Upon implantation, fluid exchange triggers bone-forming cells to migrate onto and eventually through the implant, which fully remodels into the native anatomy. Bone attachment begins in as little as two weeks, and full integration occurs within 18-24 months, with no adverse inflammatory response and no hardware left behind. OSSIOfiber’s polymer content (PLDLA) functions only as a binder and is largely eliminated by the body well before full integration.
“The composition of materials within the implant mimics that of the native bone itself,” said Brian Verrier, Chief Executive Officer at OSSIO.
Developed over more than a decade by Founder and Chief Innovation Officer Orahn Preiss-Bloom, OSSIOfiber works within existing surgical techniques and existing reimbursement codes, making it easier for surgeons and their clinical teams to use.
Gaining Commercial Traction
OSSIO launched commercially in the U.S. in 2019 with the hammertoe bone pin. Since then, the company’s notable product launches have included compression screws, the first and only non-permanent compression staple, a 2.5mm suture anchor and the MIA bunion correction system.
OSSIO reached $40 million in revenue in 2025 and is tracking toward $60 million in 2026. Over six years of U.S. commercialization, surgeons have placed 80,000+ OSSIO implants. The company also boasts 1,500 active surgeons, 400+ active sales personnel in the U.S., and approximately 165 employees. And they’re not slowing down.
Building on that initial hammertoe fixation system and trimmable fixation nails, OSSIO’s platform technology has been in constant expansion mode. Currently, the company has products and portfolios in foot & ankle, pediatrics, and sports medicine.
Its portfolio for foot and ankle includes compression screws, a compression staple, trimmable nails, and threaded trimmable nails, with hundreds of SKUs. The MIA Bunion (Minimally Invasive All-Natural Bunion Correction System), launched in early 2026, uses OSSIOfiber’s threaded trimmable nails — the play on words is a nod to the hardware literally missing on post-op x-rays. The company is also working on a plate platform with an expected launch in early 2027.

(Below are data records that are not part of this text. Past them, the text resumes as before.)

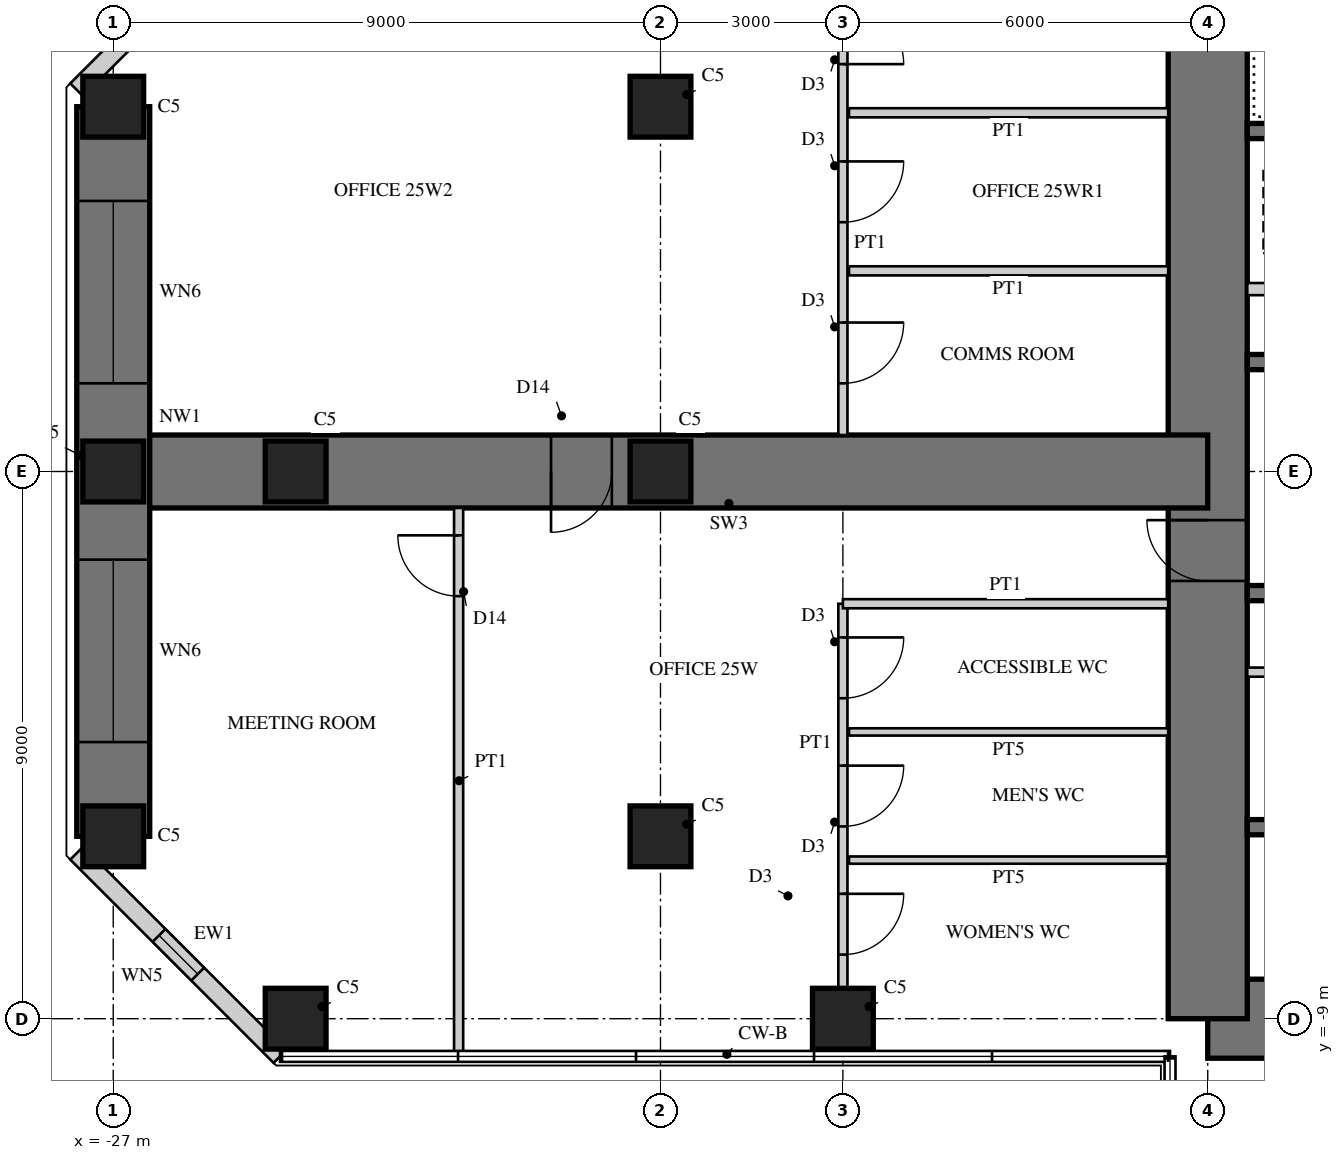
"""IFC4 building model, lengths in metres.
Left out: names, types, materials, properties, quantities, classifications, styles, units other than length and angle.
Written with IfcOpenShell. Run it as: python <this file> out.ifc"""

import sys

from ifc_helpers import new_model, si_unit, direction, frame, frame_2d, origin, origin_2d, place, context, subcontext, project, spatial, rectangle, hollow_rectangle, extrude, element, fill, save


model = new_model("IFC4")
c1 = context("Model", 3, precision=1e-05, world=origin(), true_north=direction((0.0, 1.0)))
c2 = subcontext(c1, "Body", "Model", "MODEL_VIEW")
j1 = project(units=[si_unit("LENGTHUNIT", "METRE"), si_unit("PLANEANGLEUNIT", "RADIAN")], contexts=[c1])
p1 = place(None, origin())
s1 = spatial("IfcSite", under=j1, at=p1, CompositionType="ELEMENT")
p2 = place(p1, origin())
s2 = spatial("IfcBuilding", under=s1, at=p2, CompositionType="ELEMENT")
p3 = place(p2, frame((0.0, 0.0, 104.5)))
s3 = spatial("IfcBuildingStorey", under=s2, at=p3, CompositionType="ELEMENT", Elevation=104.5)
p4 = place(p3, frame((-9.0, -9.0, 0.0), z_axis=(0.0, 0.0, 1.0), x_axis=(1.0, 0.0, 0.0)))
e1 = element("IfcWall", 1, at=p4, inside=s3, PredefinedType="SHEAR", context=c2, shape_type="SweptSolid", body=[
    extrude(rectangle(XDim=18.0, YDim=1.3, at=frame_2d((9.0, 0.0))), origin(), (0.0, 0.0, 1.0), 4.0),
])
p5 = place(p4, frame((9.8, 0.0, 0.0)))
e2 = element("IfcOpeningElement", 2, at=p5, cuts=e1, PredefinedType="OPENING", context=c2, shape_type="SweptSolid", body=[
    extrude(rectangle(XDim=1.0, YDim=2.4, at=frame_2d((0.5, 1.2))), frame((0.0, 0.66, 0.0), z_axis=(0.0, -1.0, 0.0), x_axis=(1.0, 0.0, 0.0)), (0.0, 0.0, 1.0), 1.32),
])
p6 = place(p3, frame((-9.0, 9.0, 0.0), z_axis=(0.0, 0.0, 1.0), x_axis=(0.0, -1.0, 0.0)))
e3 = element("IfcWall", 3, at=p6, inside=s3, PredefinedType="SHEAR", context=c2, shape_type="SweptSolid", body=[
    extrude(rectangle(XDim=18.0, YDim=1.3, at=frame_2d((9.0, 0.0))), origin(), (0.0, 0.0, 1.0), 4.0),
])
p7 = place(p6, frame((9.8, 0.0, 0.0)))
e4 = element("IfcOpeningElement", 4, at=p7, cuts=e3, PredefinedType="OPENING", context=c2, shape_type="SweptSolid", body=[
    extrude(rectangle(XDim=1.0, YDim=2.4, at=frame_2d((0.5, 1.2))), frame((0.0, 0.66, 0.0), z_axis=(0.0, -1.0, 0.0), x_axis=(1.0, 0.0, 0.0)), (0.0, 0.0, 1.0), 1.32),
])
p8 = place(p3, frame((-2.125, 1.8, 0.0), z_axis=(0.0, 0.0, 1.0), x_axis=(-1.0, 0.0, 0.0)))
e5 = element("IfcWall", 5, at=p8, inside=s3, PredefinedType="SHEAR", context=c2, shape_type="SweptSolid", body=[
    extrude(rectangle(XDim=6.225, YDim=0.25, at=frame_2d((3.113, 0.0))), origin(), (0.0, 0.0, 1.0), 4.0),
])
p9 = place(p3, frame((-2.125, 5.6, 0.0), z_axis=(0.0, 0.0, 1.0), x_axis=(-1.0, 0.0, 0.0)))
e6 = element("IfcWall", 6, at=p9, inside=s3, PredefinedType="SHEAR", context=c2, shape_type="SweptSolid", body=[
    extrude(rectangle(XDim=6.225, YDim=0.25, at=frame_2d((3.113, 0.0))), origin(), (0.0, 0.0, 1.0), 4.0),
])
p10 = place(p9, frame((0.175, 0.0, 0.0)))
e7 = element("IfcOpeningElement", 7, at=p10, cuts=e6, PredefinedType="OPENING", context=c2, shape_type="SweptSolid", body=[
    extrude(rectangle(XDim=1.0, YDim=2.1, at=frame_2d((0.5, 1.05))), frame((0.0, 0.135, 0.0), z_axis=(0.0, -1.0, 0.0), x_axis=(1.0, 0.0, 0.0)), (0.0, 0.0, 1.0), 0.27),
])
p11 = place(p3, frame((-5.725, 3.0, 0.0), z_axis=(0.0, 0.0, 1.0), x_axis=(-1.0, 0.0, 0.0)))
e8 = element("IfcWall", 8, at=p11, inside=s3, PredefinedType="PARTITIONING", context=c2, shape_type="SweptSolid", body=[
    extrude(rectangle(XDim=2.625, YDim=0.2, at=frame_2d((1.312, 0.0))), origin(), (0.0, 0.0, 1.0), 4.0),
])
for number, where, z_axis, x_axis in (
    (9, (-1.925, -2.0, 0.0), (0.0, 0.0, 1.0), (-1.0, 0.0, 0.0)),
    (10, (-1.925, -5.85, 0.0), (0.0, 0.0, 1.0), (-1.0, 0.0, 0.0)),
):
    element("IfcWall", number, at=place(p3, frame(where, z_axis=z_axis, x_axis=x_axis)), inside=s3, PredefinedType="SHEAR", context=c2, shape_type="SweptSolid", body=[
        extrude(rectangle(XDim=6.425, YDim=0.25, at=frame_2d((3.212, 0.0))), origin(), (0.0, 0.0, 1.0), 4.0),
    ])
p12 = place(p3, frame((-1.925, -3.3, 0.0), z_axis=(0.0, 0.0, 1.0), x_axis=(-1.0, 0.0, 0.0)))
e11 = element("IfcWall", 11, at=p12, inside=s3, PredefinedType="PARTITIONING", context=c2, shape_type="SweptSolid", body=[
    extrude(rectangle(XDim=6.425, YDim=0.15, at=frame_2d((3.212, 0.0))), origin(), (0.0, 0.0, 1.0), 4.0),
])
p13 = place(p12, frame((0.075, 0.0, 0.0)))
e12 = element("IfcOpeningElement", 12, at=p13, cuts=e11, PredefinedType="OPENING", context=c2, shape_type="SweptSolid", body=[
    extrude(rectangle(XDim=0.8, YDim=2.1, at=frame_2d((0.4, 1.05))), frame((0.0, 0.085, 0.0), z_axis=(0.0, -1.0, 0.0), x_axis=(1.0, 0.0, 0.0)), (0.0, 0.0, 1.0), 0.17),
])
p14 = place(p12, frame((3.675, 0.0, 0.0)))
e13 = element("IfcOpeningElement", 13, at=p14, cuts=e11, PredefinedType="OPENING", context=c2, shape_type="SweptSolid", body=[
    extrude(rectangle(XDim=0.8, YDim=2.1, at=frame_2d((0.4, 1.05))), frame((0.0, 0.085, 0.0), z_axis=(0.0, -1.0, 0.0), x_axis=(1.0, 0.0, 0.0)), (0.0, 0.0, 1.0), 0.17),
])
p15 = place(p3, frame((-9.0, 0.0, 0.0), z_axis=(0.0, 0.0, 1.0), x_axis=(-1.0, 0.0, 0.0)))
e14 = element("IfcWall", 14, at=p15, inside=s3, PredefinedType="SHEAR", context=c2, shape_type="SweptSolid", body=[
    extrude(rectangle(XDim=18.0, YDim=1.2, at=frame_2d((9.0, 0.0))), origin(), (0.0, 0.0, 1.0), 4.0),
])
p16 = place(p15, frame((9.8, 0.0, 0.0)))
e15 = element("IfcOpeningElement", 15, at=p16, cuts=e14, PredefinedType="OPENING", context=c2, shape_type="SweptSolid", body=[
    extrude(rectangle(XDim=1.0, YDim=2.2, at=frame_2d((0.5, 1.1))), frame((0.0, 0.61, 0.0), z_axis=(0.0, -1.0, 0.0), x_axis=(1.0, 0.0, 0.0)), (0.0, 0.0, 1.0), 1.22),
])
p17 = place(p3, frame((-27.0, 6.0, 0.0), z_axis=(0.0, 0.0, 1.0), x_axis=(0.0, -1.0, 0.0)))
e16 = element("IfcWall", 16, at=p17, inside=s3, PredefinedType="SHEAR", context=c2, shape_type="SweptSolid", body=[
    extrude(rectangle(XDim=12.0, YDim=1.2, at=frame_2d((6.0, 0.0))), origin(), (0.0, 0.0, 1.0), 4.0),
])
p18 = place(p17, frame((1.55, 0.0, 0.6)))
e17 = element("IfcOpeningElement", 17, at=p18, cuts=e16, PredefinedType="OPENING", context=c2, shape_type="SweptSolid", body=[
    extrude(rectangle(XDim=3.0, YDim=2.4, at=frame_2d((1.5, 1.2))), frame((0.0, 0.61, 0.0), z_axis=(0.0, -1.0, 0.0), x_axis=(1.0, 0.0, 0.0)), (0.0, 0.0, 1.0), 1.22),
])
p19 = place(p17, frame((7.45, 0.0, 0.6)))
e18 = element("IfcOpeningElement", 18, at=p19, cuts=e16, PredefinedType="OPENING", context=c2, shape_type="SweptSolid", body=[
    extrude(rectangle(XDim=3.0, YDim=2.4, at=frame_2d((1.5, 1.2))), frame((0.0, 0.61, 0.0), z_axis=(0.0, -1.0, 0.0), x_axis=(1.0, 0.0, 0.0)), (0.0, 0.0, 1.0), 1.22),
])
for number, where, z_axis, x_axis in (
    (19, (-15.0, -9.0, 0.0), (0.0, 0.0, 1.0), (1.0, 0.0, 0.0)),
    (20, (-24.0, -9.0, 0.0), (0.0, 0.0, 1.0), (1.0, 0.0, 0.0)),
    (21, (-27.0, 6.0, 0.0), (0.0, 0.0, 1.0), (1.0, 0.0, 0.0)),
    (22, (-27.0, 0.0, 0.0), (0.0, 0.0, 1.0), (1.0, 0.0, 0.0)),
    (23, (-27.0, -6.0, 0.0), (0.0, 0.0, 1.0), (1.0, 0.0, 0.0)),
    (24, (-18.0, 6.0, 0.0), (0.0, 0.0, 1.0), (1.0, 0.0, 0.0)),
    (25, (-18.0, 0.0, 0.0), (0.0, 0.0, 1.0), (1.0, 0.0, 0.0)),
    (26, (-18.0, -6.0, 0.0), (0.0, 0.0, 1.0), (1.0, 0.0, 0.0)),
    (27, (-24.0, 0.0, 0.0), (0.0, 0.0, 1.0), (1.0, 0.0, 0.0)),
):
    element("IfcColumn", number, at=place(p3, frame(where, z_axis=z_axis, x_axis=x_axis)), inside=s3, PredefinedType="COLUMN", context=c2, shape_type="SweptSolid", body=[
        extrude(rectangle(XDim=1.0, YDim=1.0, at=origin_2d()), origin(), (0.0, 0.0, 1.0), 4.0),
    ])
p20 = place(p3, frame((-24.257, 9.62, 0.0), z_axis=(0.0, 0.0, 1.0), x_axis=(-0.707106781187, -0.707106781187, 0.0)))
e28 = element("IfcWall", 28, at=p20, inside=s3, PredefinedType="SOLIDWALL", context=c2, shape_type="SweptSolid", body=[
    extrude(rectangle(XDim=4.728, YDim=0.3, at=frame_2d((2.364, 0.0))), origin(), (0.0, 0.0, 1.0), 3.8),
])
p21 = place(p20, frame((1.914, 0.0, 0.3)))
e29 = element("IfcOpeningElement", 29, at=p21, cuts=e28, PredefinedType="OPENING", context=c2, shape_type="SweptSolid", body=[
    extrude(rectangle(XDim=0.9, YDim=2.4, at=frame_2d((0.45, 1.2))), frame((0.0, 0.16, 0.0), z_axis=(0.0, -1.0, 0.0), x_axis=(1.0, 0.0, 0.0)), (0.0, 0.0, 1.0), 0.32),
])
p22 = place(p3, frame((-27.6, -6.277, 0.0), z_axis=(0.0, 0.0, 1.0), x_axis=(0.707106781187, -0.707106781187, 0.0)))
e30 = element("IfcWall", 30, at=p22, inside=s3, PredefinedType="SOLIDWALL", context=c2, shape_type="SweptSolid", body=[
    extrude(rectangle(XDim=4.728, YDim=0.3, at=frame_2d((2.364, 0.0))), origin(), (0.0, 0.0, 1.0), 3.8),
])
p23 = place(p22, frame((1.914, 0.0, 0.3)))
e31 = element("IfcOpeningElement", 31, at=p23, cuts=e30, PredefinedType="OPENING", context=c2, shape_type="SweptSolid", body=[
    extrude(rectangle(XDim=0.9, YDim=2.4, at=frame_2d((0.45, 1.2))), frame((0.0, 0.16, 0.0), z_axis=(0.0, -1.0, 0.0), x_axis=(1.0, 0.0, 0.0)), (0.0, 0.0, 1.0), 0.32),
])
p24 = place(p3, frame((-15.0, -2.175, 0.0), z_axis=(0.0, 0.0, 1.0), x_axis=(0.0, -1.0, 0.0)))
e32 = element("IfcWall", 32, at=p24, inside=s3, PredefinedType="PARTITIONING", context=c2, shape_type="SweptSolid", body=[
    extrude(rectangle(XDim=6.325, YDim=0.15, at=frame_2d((3.163, 0.0))), origin(), (0.0, 0.0, 1.0), 3.0),
])
p25 = place(p24, frame((0.554, 0.0, 0.0)))
e33 = element("IfcOpeningElement", 33, at=p25, cuts=e32, PredefinedType="OPENING", context=c2, shape_type="SweptSolid", body=[
    extrude(rectangle(XDim=1.0, YDim=2.1, at=frame_2d((0.5, 1.05))), frame((0.0, 0.085, 0.0), z_axis=(0.0, -1.0, 0.0), x_axis=(1.0, 0.0, 0.0)), (0.0, 0.0, 1.0), 0.17),
])
p26 = place(p24, frame((2.663, 0.0, 0.0)))
e34 = element("IfcOpeningElement", 34, at=p26, cuts=e32, PredefinedType="OPENING", context=c2, shape_type="SweptSolid", body=[
    extrude(rectangle(XDim=1.0, YDim=2.1, at=frame_2d((0.5, 1.05))), frame((0.0, 0.085, 0.0), z_axis=(0.0, -1.0, 0.0), x_axis=(1.0, 0.0, 0.0)), (0.0, 0.0, 1.0), 0.17),
])
p27 = place(p24, frame((4.771, 0.0, 0.0)))
e35 = element("IfcOpeningElement", 35, at=p27, cuts=e32, PredefinedType="OPENING", context=c2, shape_type="SweptSolid", body=[
    extrude(rectangle(XDim=1.0, YDim=2.1, at=frame_2d((0.5, 1.05))), frame((0.0, 0.085, 0.0), z_axis=(0.0, -1.0, 0.0), x_axis=(1.0, 0.0, 0.0)), (0.0, 0.0, 1.0), 0.17),
])
p28 = place(p3, frame((-9.65, -2.175, 0.0), z_axis=(0.0, 0.0, 1.0), x_axis=(-1.0, 0.0, 0.0)))
e36 = element("IfcWall", 36, at=p28, inside=s3, PredefinedType="PARTITIONING", context=c2, shape_type="SweptSolid", body=[
    extrude(rectangle(XDim=5.35, YDim=0.15, at=frame_2d((2.675, 0.0))), origin(), (0.0, 0.0, 1.0), 3.8),
])
for number, where, z_axis, x_axis in (
    (37, (-9.65, -4.283, 0.0), (0.0, 0.0, 1.0), (-1.0, 0.0, 0.0)),
    (38, (-9.65, -6.392, 0.0), (0.0, 0.0, 1.0), (-1.0, 0.0, 0.0)),
):
    element("IfcWall", number, at=place(p3, frame(where, z_axis=z_axis, x_axis=x_axis)), inside=s3, PredefinedType="PLUMBINGWALL", context=c2, shape_type="SweptSolid", body=[
        extrude(rectangle(XDim=5.25, YDim=0.12, at=frame_2d((2.625, 0.0))), origin(), (0.0, 0.0, 1.0), 3.8),
    ])
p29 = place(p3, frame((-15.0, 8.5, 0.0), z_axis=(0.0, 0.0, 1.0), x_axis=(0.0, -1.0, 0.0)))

OSSIO’s implants were cleared for pediatric use in December 2023, and its 2.5mm suture anchor was cleared for children as young as two years old in June 2025. The removal-avoidance benefit is particularly beneficial in peds, a patient population in which hardware removal rates are high with growing bones.
Sports medicine is a hot area of focus for the company. Preiss-Bloom cited the development of joint-preserving solutions as a major orthopedic trend and said OSSIOfiber is being used in conjunction with a growing ecosystem of complementary technologies in this space, particularly in areas like soft tissue augmentation.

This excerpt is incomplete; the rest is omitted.